2. **Permutation Importance:**
- **Concept:** Permutation Importance assesses the importance of each feature by permuting (randomly shuffling) its values and observing the change in the model's performance.
- **How it works:** It measures the decrease in model performance (e.g., accuracy) when the values of a specific feature are randomly permuted, and the larger the decrease, the more important the feature is considered.
- **Interpretation:** A higher decrease in performance suggests that the feature is crucial for the model's predictions.

3. **Morris Sensitivity:**
- **Concept:** Morris Sensitivity is a global sensitivity analysis method that assesses the impact of small variations in individual features on the model's output.
- **How it works:** It involves perturbing one feature at a time while keeping other features constant, observing how the output changes, and quantifying the sensitivity of the model to each feature.
- **Interpretation:** A higher Morris Sensitivity value indicates a greater impact of the feature on the model output.
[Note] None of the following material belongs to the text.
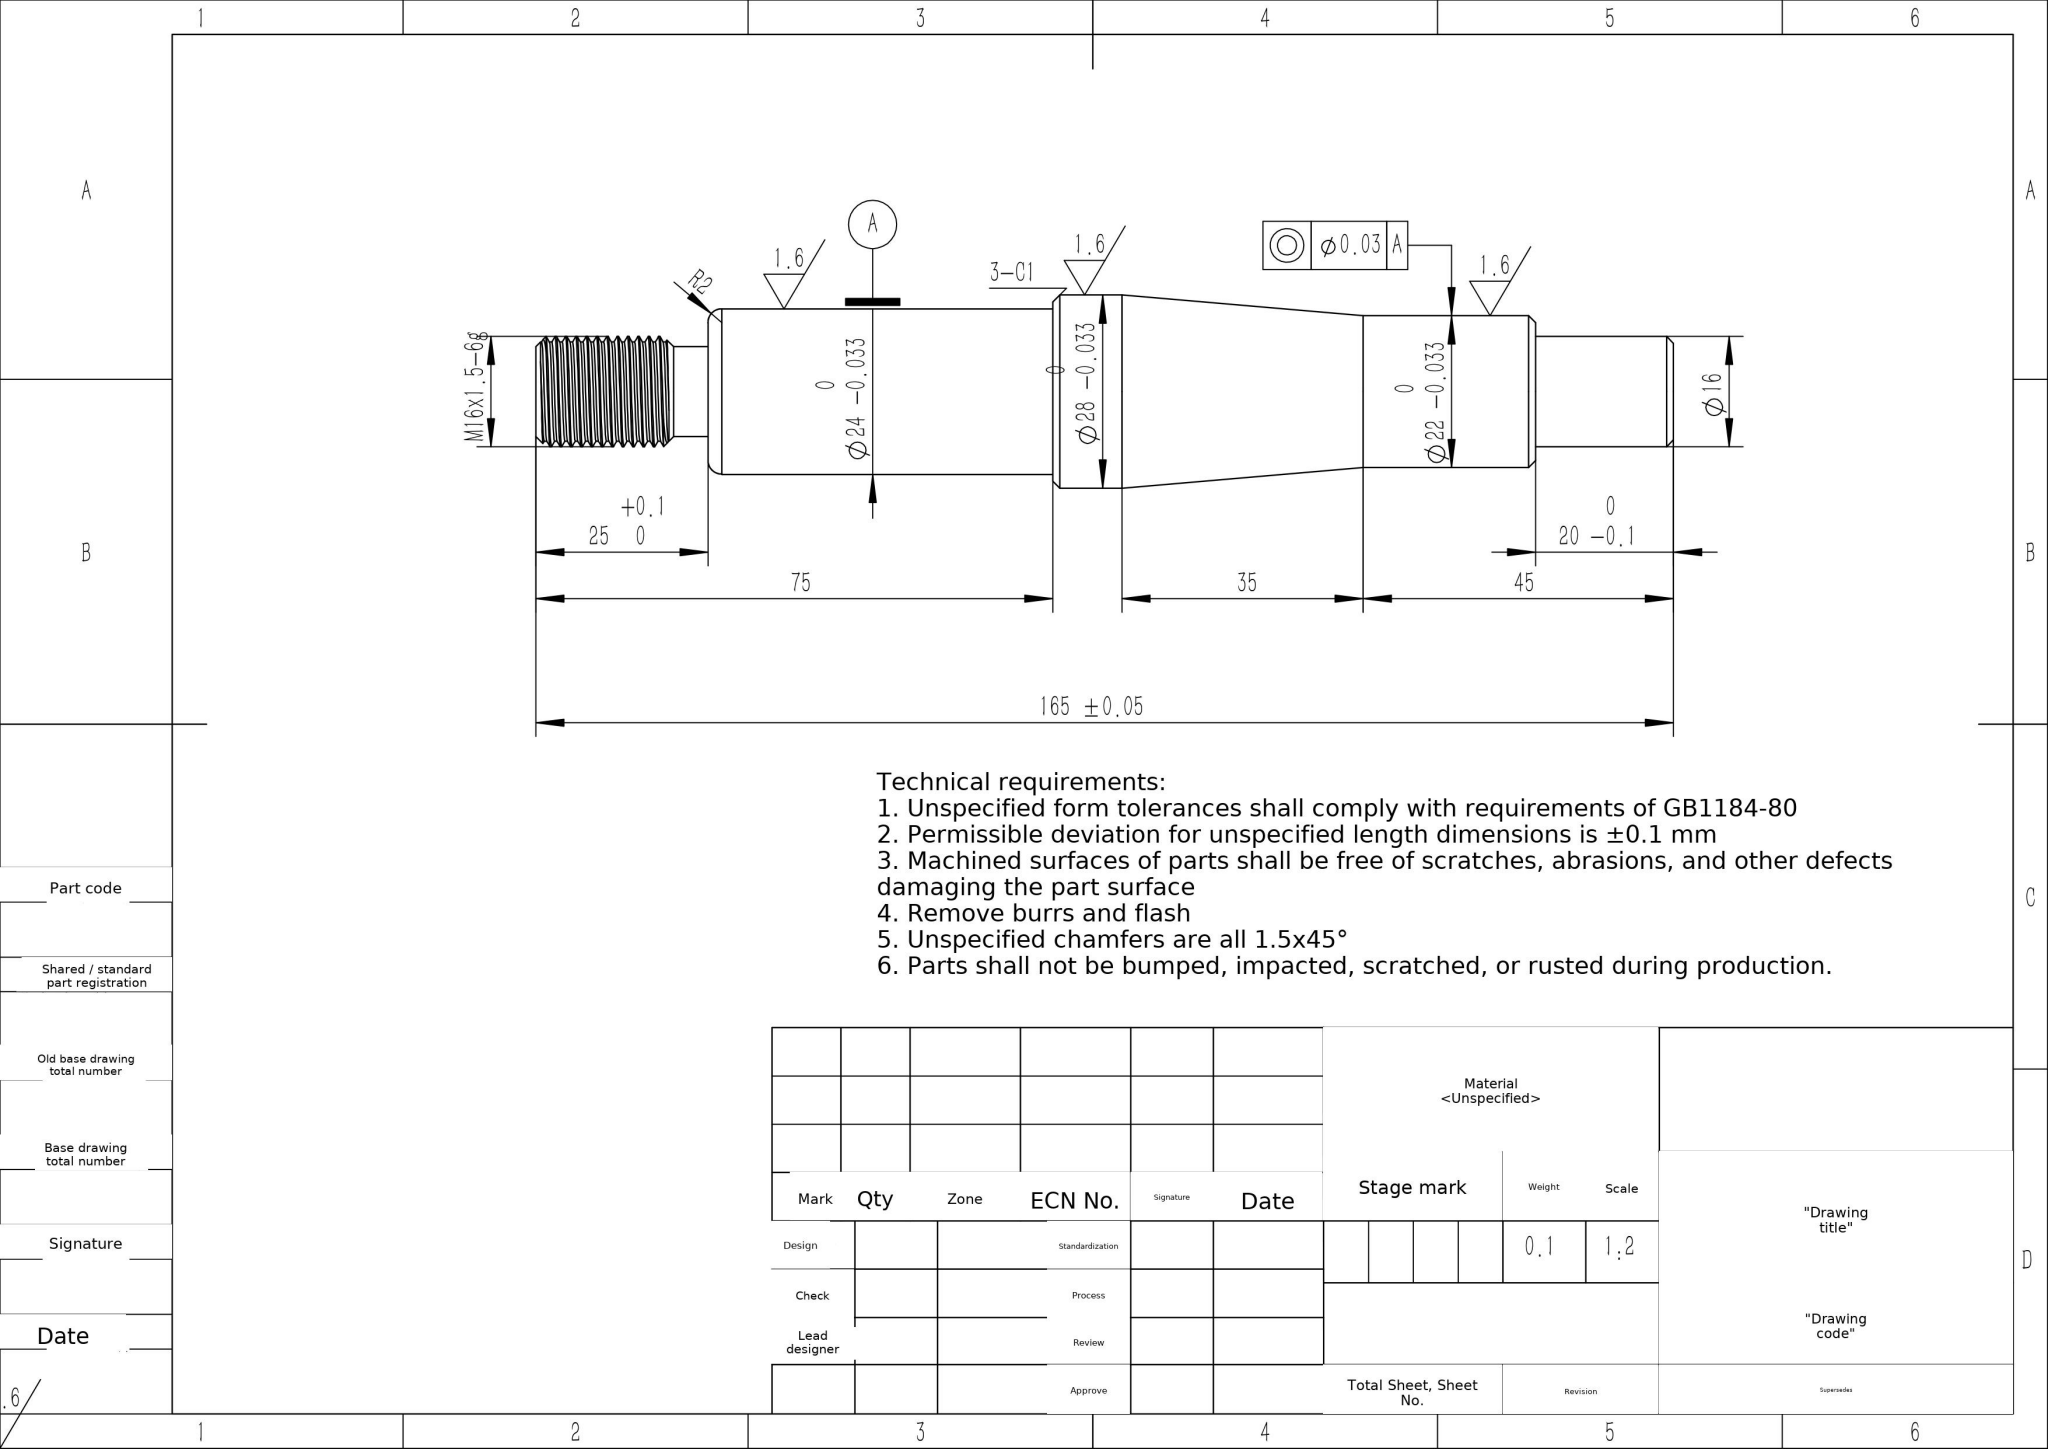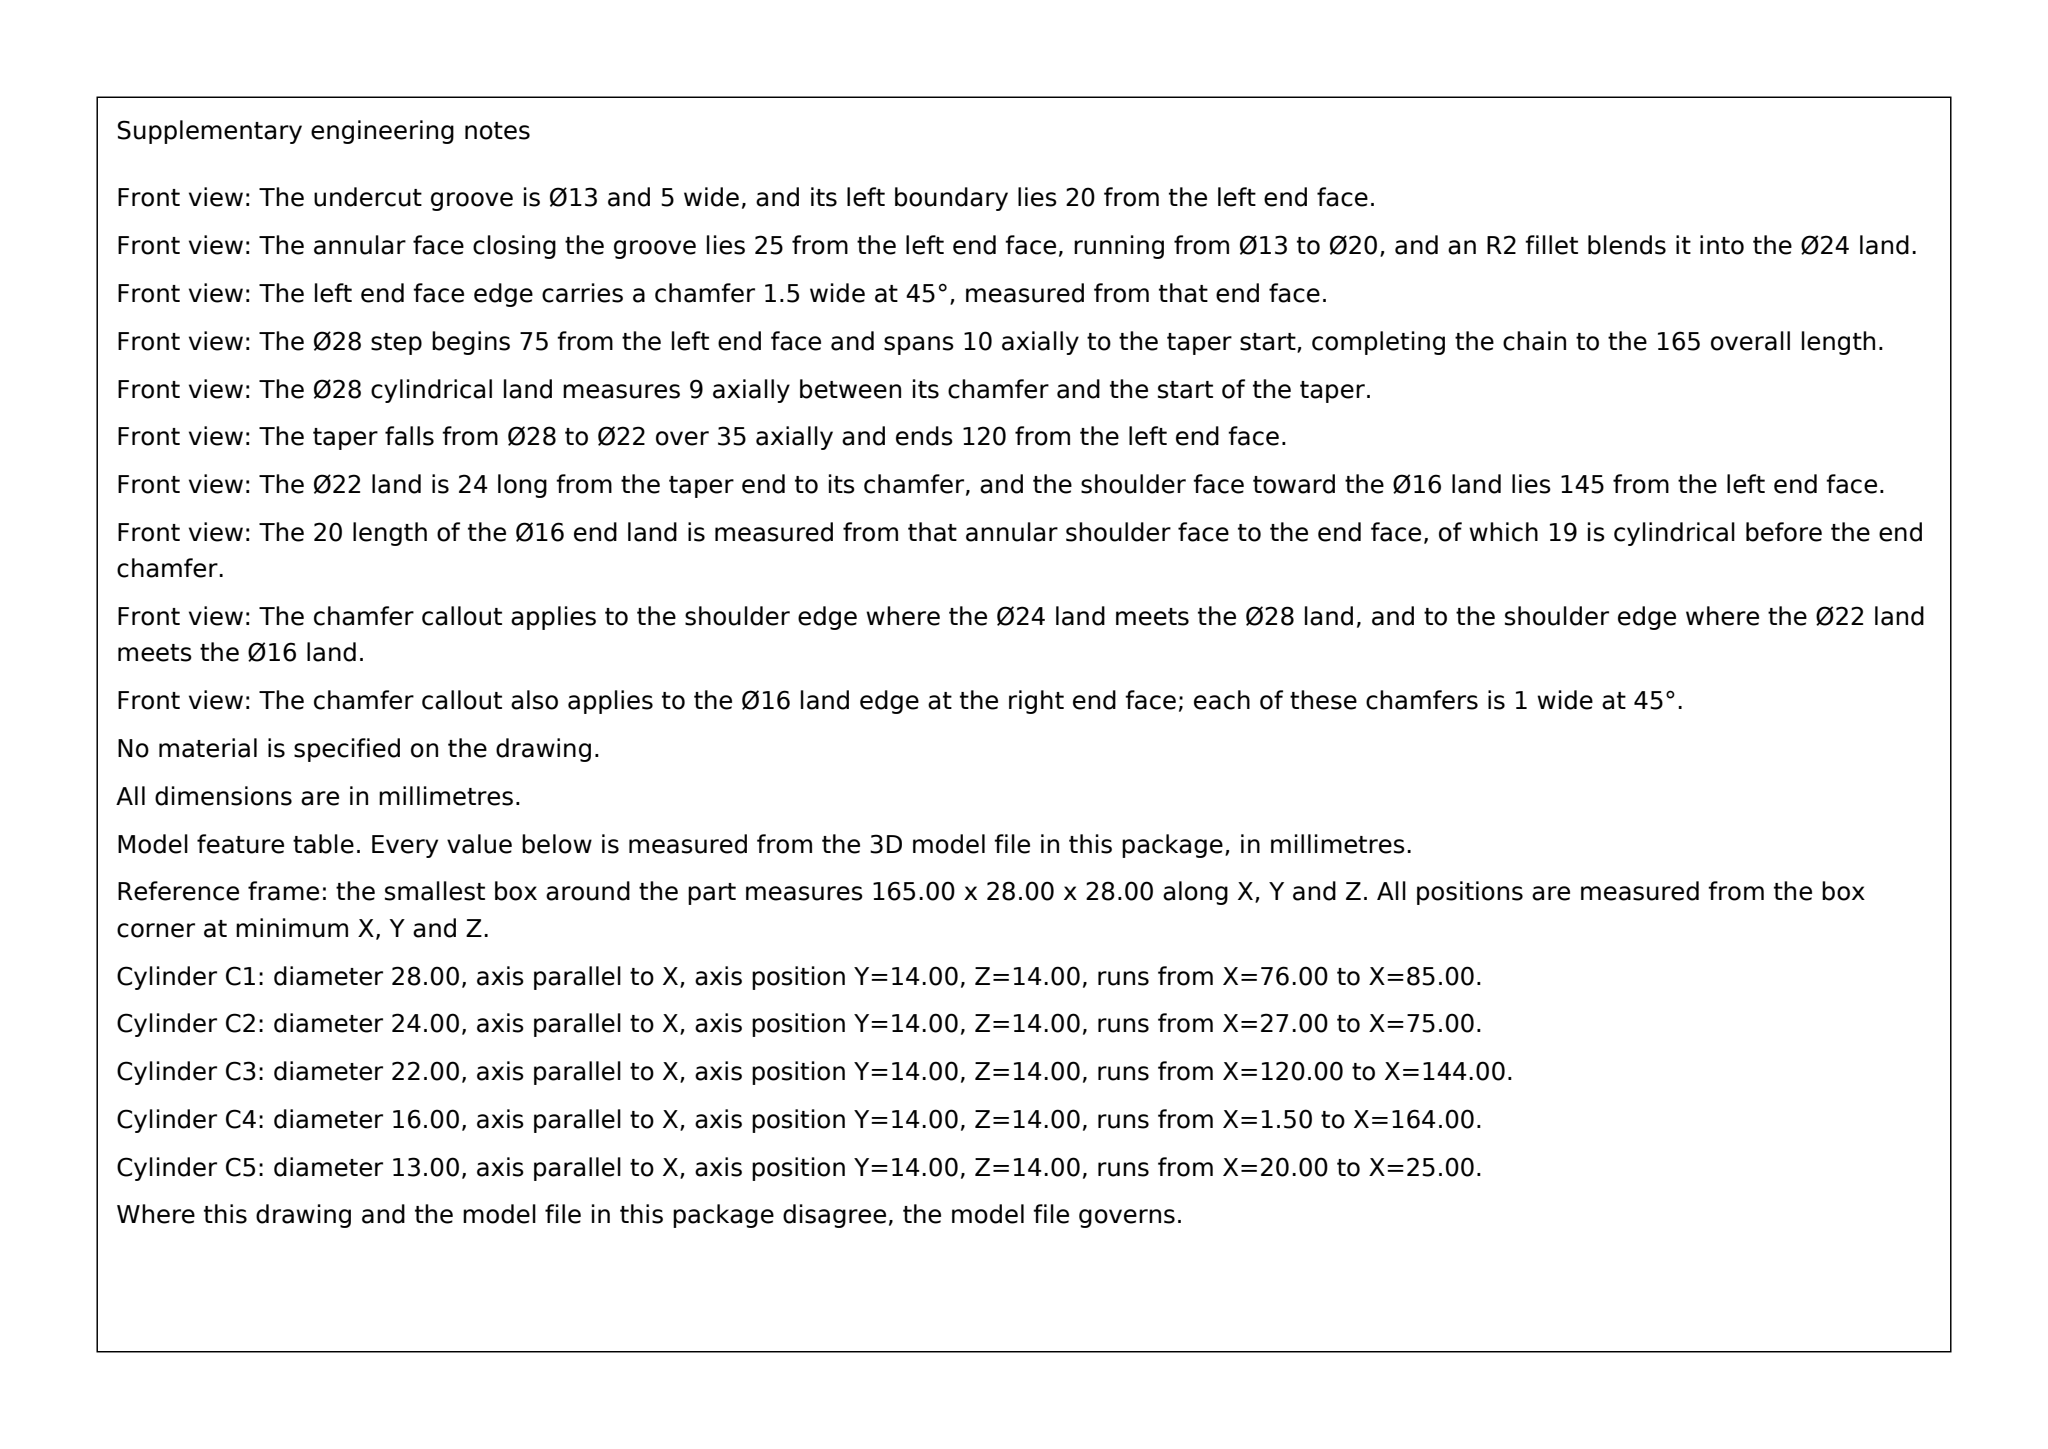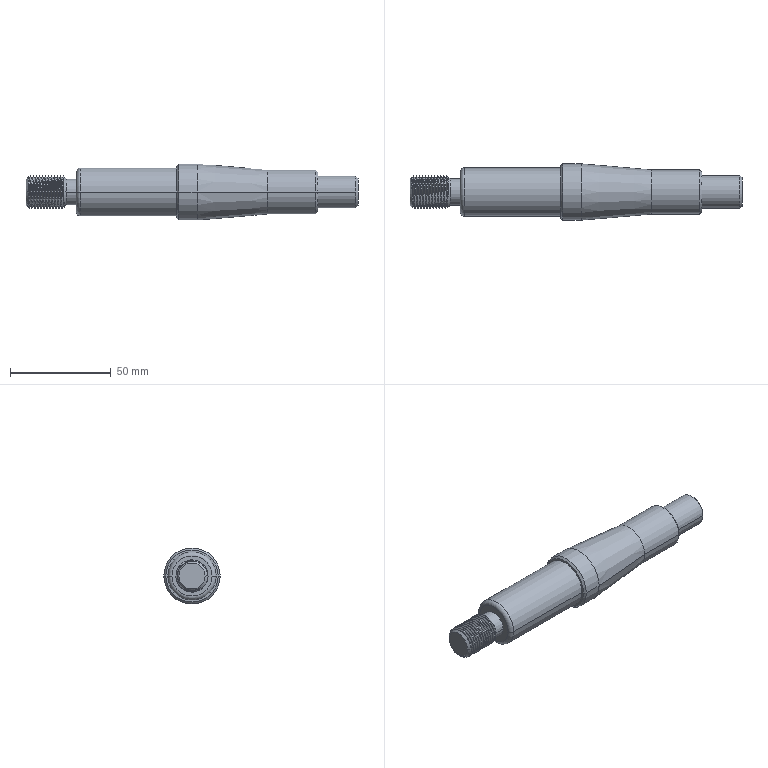Part | SolidWorks | mm | 1 solid | 56 faces | box 165 x 28 x 28 mm | volume 63603 mm3 | cylinder 34 | cone 12 | plane 5 | spline 3 | torus 2 | commonest cylinder face diameters 16 x26 22 x2 28 x2 24 x2 13 x2
Drawing notes:
THREAD UNDERCUT 5 WIDE, FROM 20 TO 25 FROM THD END, R2 AT SHLDR | from the solid: Ø13 cyl, axis x, from 20.0 to 25.0 (5 wide); torus minor r=2.0 major r=10.0 at Ø24 shoulder
THREAD UNDERCUT DIA Ø13 (M16x1.5 RELIEF), 1.5 DEEP PER SIDE | from the solid: Ø13 boss/shaft cyl vs M16 major Ø16: (16-13)/2 = 1.5 depth

4. **LOFO (Leave One Feature Out):**
- **Concept:** LOFO evaluates the impact of leaving out each feature one at a time on the model's performance.
- **How it works:** It systematically removes each feature, re-trains the model, and measures the change in performance metrics (e.g., accuracy, AUC) to understand the importance of each feature.
- **Interpretation:** A larger decrease in performance when a specific feature is left out suggests that the feature is more critical for the model's predictions.

**Assumptions:**
- **SHAP Values:** Assumes that features interact cooperatively.
- **Permutation Importance:** Assumes that the change in model performance is solely due to the importance of the feature.
- **Morris Sensitivity:** Assumes small variations in individual features.
- **LOFO:** Assumes that leaving out a feature impacts the model's performance.

### Q: Why are the results from the XGBoost Feature Importance different from the results of the DNN?
XGBoost relies on decision trees, where each feature's importance is determined by its contribution to the reduction in impurity (Gini) in the decision tree nodes. Results in a clear and interpretable feature importance. On the other hand, DNNs are non-linear models, making them harder to interpret.

**In cybersecurity:**

The text discusses the number of packets with payload as a common feature, and asserts that the results vary based on the type of Feature Importance algorithm used.

- **Permutation Importance:** identifies the time between each package sent as having the most influence.
- **Shap:** identifies backward communication starting with subflow or packet size as having the most influence.
- **Morris Sensitivity:** the minimum payload size has been identified as having the most influence, which is reasonable given that it is an IoT dataset and consistency in the minimum payload size is crucial.
- **LOFO:** despite being mentioned after several other features, another proposition suggests that the payload size, including the packet header size, has more influence.

Understanding each feature with XGBoost is possible, but it becomes challenging with NN due to the varying results obtained from different techniques. Nevertheless, the packet consistently yields the same result across all techniques.

This highlights the importance of considering the interpretability of models, especially when dealing with complex neural networks, and understanding that different interpretability techniques may yield divergent results. The consistency in the interpretation of the "packet" feature across various techniques adds confidence to its significance in the context of the cybersecurity dataset.